Friday, August 17, 2007

Administrivia . . . .




Don't you just hate that word? I do. Its like saying "guesstimate." Amanda and I have had a fantastic summer, full of travelling, eating, and sightseeing. But now are travels are over, and it is time to start buckling down, doing chores that we've put off all summer, and getting ready for school, which starts in a WEEK.


Since we got home from Edgewater Park, we have been busy "tying up loose ends," so to speak. Yesterday was a landscaping day, where I mowed and trimmed the yard, then edged out some beds. The lack of rain has had NO effect on the number of weeds growing in just about every place we want not weeds to grow. So I weeded a bunch. Then I patched up some bare spots with grass seed and hayed them. Then I fertilized the rosebushes. Then I put two coats of black anodized paint on our firepit. After this, I watered our "near death" tomatoes that didnt get enough water from the week we were gone--we have been getting some delicious tomatoes from our two plants already!


They have been doing work on our street now for the second summer in a row, and I think they are almost done, but I think, essentially, these chubby carhart wearing forty-somethings just never grew up and still love playing with their trucks. I'll get flack from someone for saying this, but its amazing just how "not" hard public works/DOT people work. I swear, seven stand around while one works. They are on a perpetual coffee break. If you don't believe me, then come sit out on the end of Bill Cyr's driveway with the rest of the neighborhood and look for yourself.


Today I continued with some yard work, and then ran some errands, first stopping at "Babe's Shoe Repair." Ask yourself this question: name at least three cobblers in your area? Yeah . . .me too. Babe's is awesome, for the way in which he is all about good old fashioned customer service, as well as the way he is preserving a lost art. I think, these days, kids and adults alike are prone to just "throw something away" if it is broke. I have had the same pair of ECCO shoes since I was a junior in high school, and I am heartbroken to say that they, only now, are un-fixable--even for Babe. I had him repair a pair of Birkenstock clogs two years ago, and I brought them in to have the sole re-glued. Not only did he do it while I waited, but he was adamant that I not pay him, since he was "not about to let [me] pay for [his] poor workmanship." Try and find a guy like him around these days . . . .

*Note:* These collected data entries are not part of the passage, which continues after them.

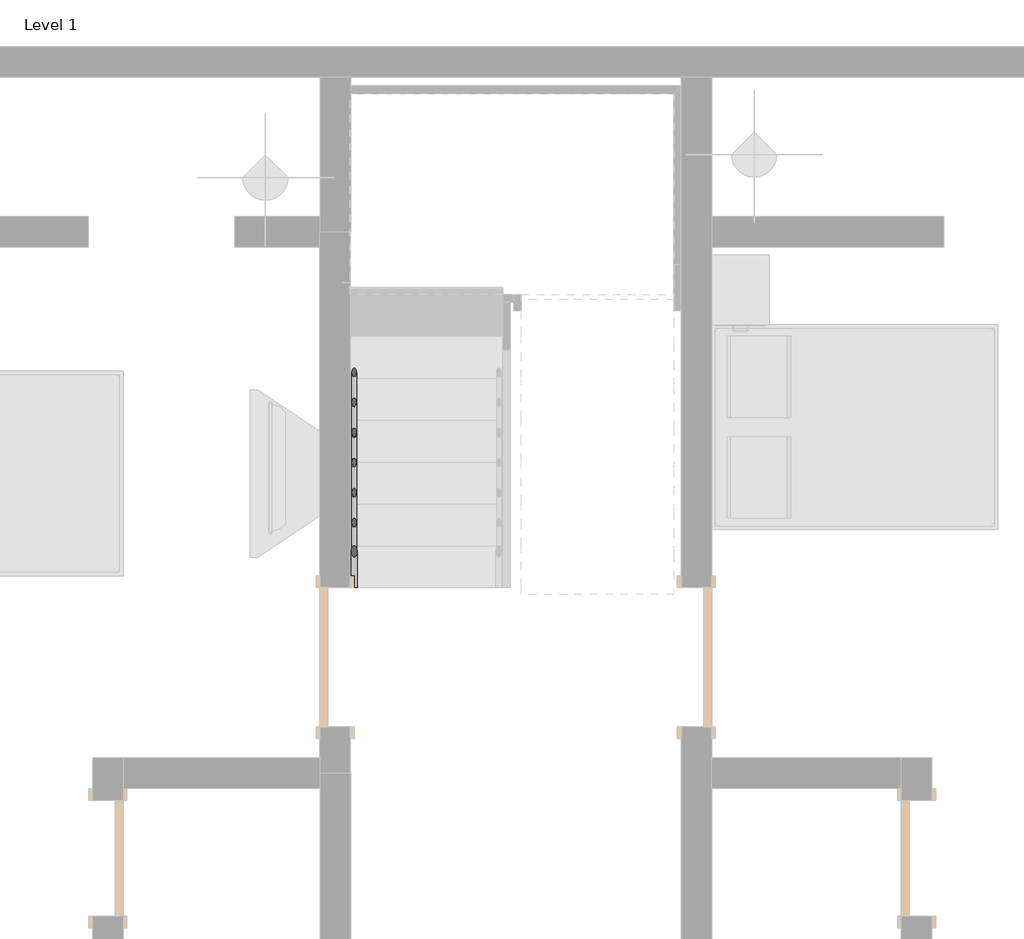
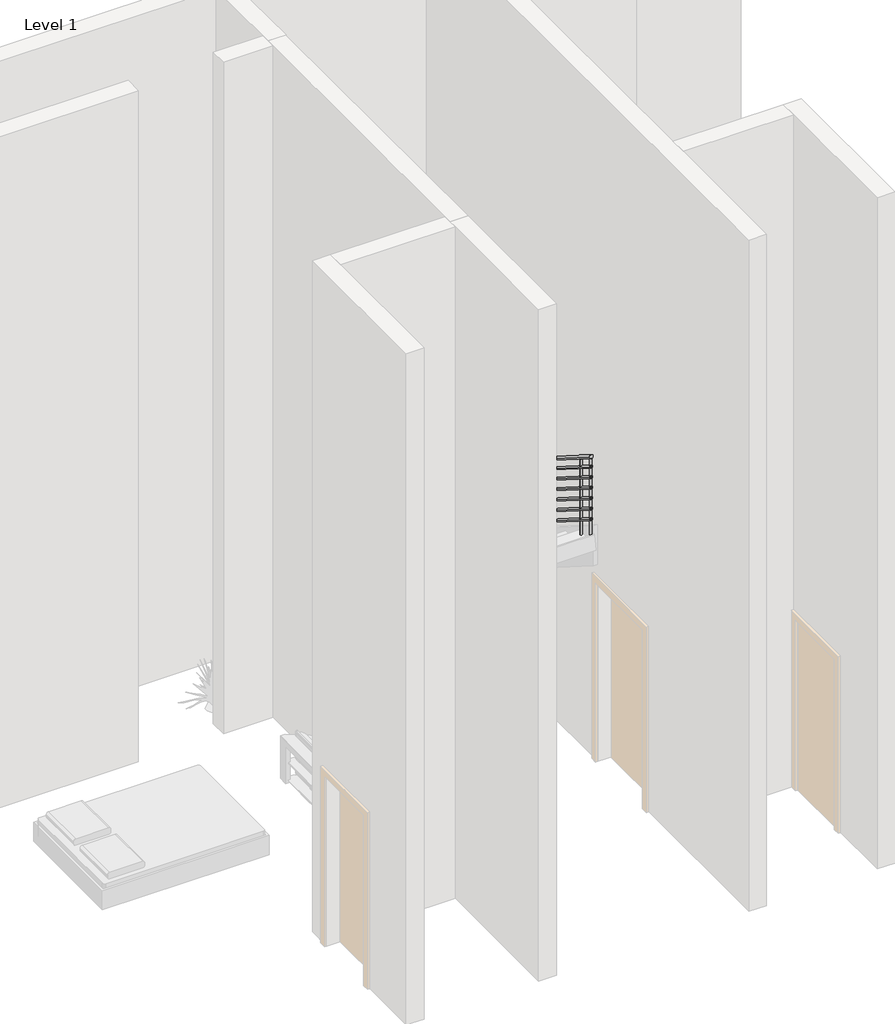
# One storey, part 3 of 4: 1 railing.
"""IFC4 building model written with IfcOpenShell, lengths in millimetres."""

from ifc_helpers import new_model, si_unit, point, frame, frame_2d, origin, place, context, project, spatial, circle_curve, ellipse_curve, trimmed, segment, composite_curve, outline, extrude, element, save
from ifc_brep_helpers import plane_surface, cylinder_surface, advanced_brep

model = new_model("IFC4")

# Units and contexts
model_context = context("Model", 3, world=origin())
ifc_project = project(units=[si_unit("LENGTHUNIT", "METRE", prefix="MILLI")], contexts=[model_context])

# Site, building, storey
site = spatial("IfcSite", under=ifc_project)
building = spatial("IfcBuilding", under=site)
storey = spatial("IfcBuildingStorey", under=building, Name="Level 1", Elevation=0.0)

# Railing
placement = place(None, origin())
element("IfcRailing", 1, ObjectType="900mm Pipe", at=placement, inside=storey, context=model_context, shape_type="SolidModel", body=[
    advanced_brep(
    [(-4517.5197318, 8898.7482221, 1050.2491997), (-4557.5197318, 8898.7482221, 1050.2491997), (-4517.5197318, 10829.5416751, 2271.3043478), (-4557.5197318, 10829.5416751, 2271.3043478), (-4517.5197318, 12099.1482221, 2271.3043478), (-4557.5197318, 12139.1482221, 2271.3043478), (-2485.6681693, 12099.1482221, 2271.3043478), (-2445.6681693, 12139.1482221, 2271.3043478), (-2485.6681693, 11092.9547691, 2271.3043478), (-2445.6681693, 11092.9547691, 2271.3043478), (-2485.6681693, 8898.7482221, 3658.9448519), (-2445.6681693, 8898.7482221, 3658.9448519)],
    [
        (0, 1, ellipse_curve(frame((-4537.5197318, 8898.7482221, 1050.2491997), z_axis=(0.0, -1.0, 0.0), x_axis=(0.0, 0.0, -1.0)), 23.6638438, 20.0)),
        (1, 0, ellipse_curve(frame((-4537.5197318, 8898.7482221, 1050.2491997), z_axis=(0.0, -1.0, 0.0), x_axis=(0.0, 0.0, -1.0)), 23.6638438, 20.0)),
        (0, 2),
        (2, 3, ellipse_curve(frame((-4537.5197318, 10829.5416751, 2271.3043478), z_axis=(0.0, -0.9605132043335073, -0.2782344053149759), x_axis=(0.0, 0.2782344053149766, -0.960513204333507)), 20.822202, 20.0)),
        (3, 1),
        (3, 2, ellipse_curve(frame((-4537.5197318, 10829.5416751, 2271.3043478), z_axis=(0.0, -0.9605132043335073, -0.2782344053149759), x_axis=(0.0, 0.2782344053149766, -0.960513204333507)), 20.822202, 20.0)),
        (2, 4),
        (4, 5, ellipse_curve(frame((-4537.5197318, 12119.1482221, 2271.3043478), z_axis=(-0.7071067811865482, -0.7071067811865468, 0.0), x_axis=(0.7071067811865468, -0.7071067811865482, 0.0)), 28.2842712, 20.0)),
        (5, 3),
        (5, 4, ellipse_curve(frame((-4537.5197318, 12119.1482221, 2271.3043478), z_axis=(-0.7071067811865482, -0.7071067811865468, 0.0), x_axis=(0.7071067811865468, -0.7071067811865482, 0.0)), 28.2842712, 20.0)),
        (4, 6),
        (6, 7, ellipse_curve(frame((-2465.6681693, 12119.1482221, 2271.3043478), z_axis=(-0.7071067811865469, 0.7071067811865481, 0.0), x_axis=(-0.7071067811865481, -0.7071067811865469, 0.0)), 28.2842712, 20.0)),
        (7, 5),
        (7, 6, ellipse_curve(frame((-2465.6681693, 12119.1482221, 2271.3043478), z_axis=(-0.7071067811865469, 0.7071067811865481, 0.0), x_axis=(-0.7071067811865481, -0.7071067811865469, 0.0)), 28.2842712, 20.0)),
        (6, 8),
        (8, 9, ellipse_curve(frame((-2465.6681693, 11092.9547691, 2271.3043478), z_axis=(0.0, 0.9605132043335073, -0.2782344053149755), x_axis=(0.0, 0.27823440531497573, 0.9605132043335072)), 20.822202, 20.0)),
        (9, 7),
        (9, 8, ellipse_curve(frame((-2465.6681693, 11092.9547691, 2271.3043478), z_axis=(0.0, 0.9605132043335073, -0.2782344053149755), x_axis=(0.0, 0.27823440531497573, 0.9605132043335072)), 20.822202, 20.0)),
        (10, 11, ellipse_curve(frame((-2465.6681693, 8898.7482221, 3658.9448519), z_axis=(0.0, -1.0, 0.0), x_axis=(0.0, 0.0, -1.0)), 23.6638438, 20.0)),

After Babe's, it was off to Mardens, where, last night, Amanda and I really did "bought it when we saw it . . .at Mardens!" We bought a great waterhog type indoor-outdoor carpet for the new room, and I went to go pick it up in the truck today. For those unaware, Mardens is like a Spags or a Building 19 in Maine. We got a super deal on this carpet, which I will install myself after Amanda finishes painting tomorrow. I also picked up some shelf brackets so I could properly display my beer bottle collection on the wall of the den. A sure conversation piece of "book club" meetings after school. And finally, I put down some of my homemade sauerkraut in a big crock which I keep in the basement--it should be fermented and ready to go by Labor Day weekend.


Amanda and I had a nice night which included Taco Bell, visiting G-pop and G-mom in Readfield, and then reading our books. We have both read so much excellent writing lately--everything from the Lemony Snicket books to Jodi Piccoult novels to my current book-du-jour, "When Zachary Beaver Came To Town," which is the story of 635 Zachary Beaver, the fattest boy in the world, who travels around the USA as a sideshow oddity.

1 comment:

Anonymous said...

what does the P stand for in Thomas P. Cat?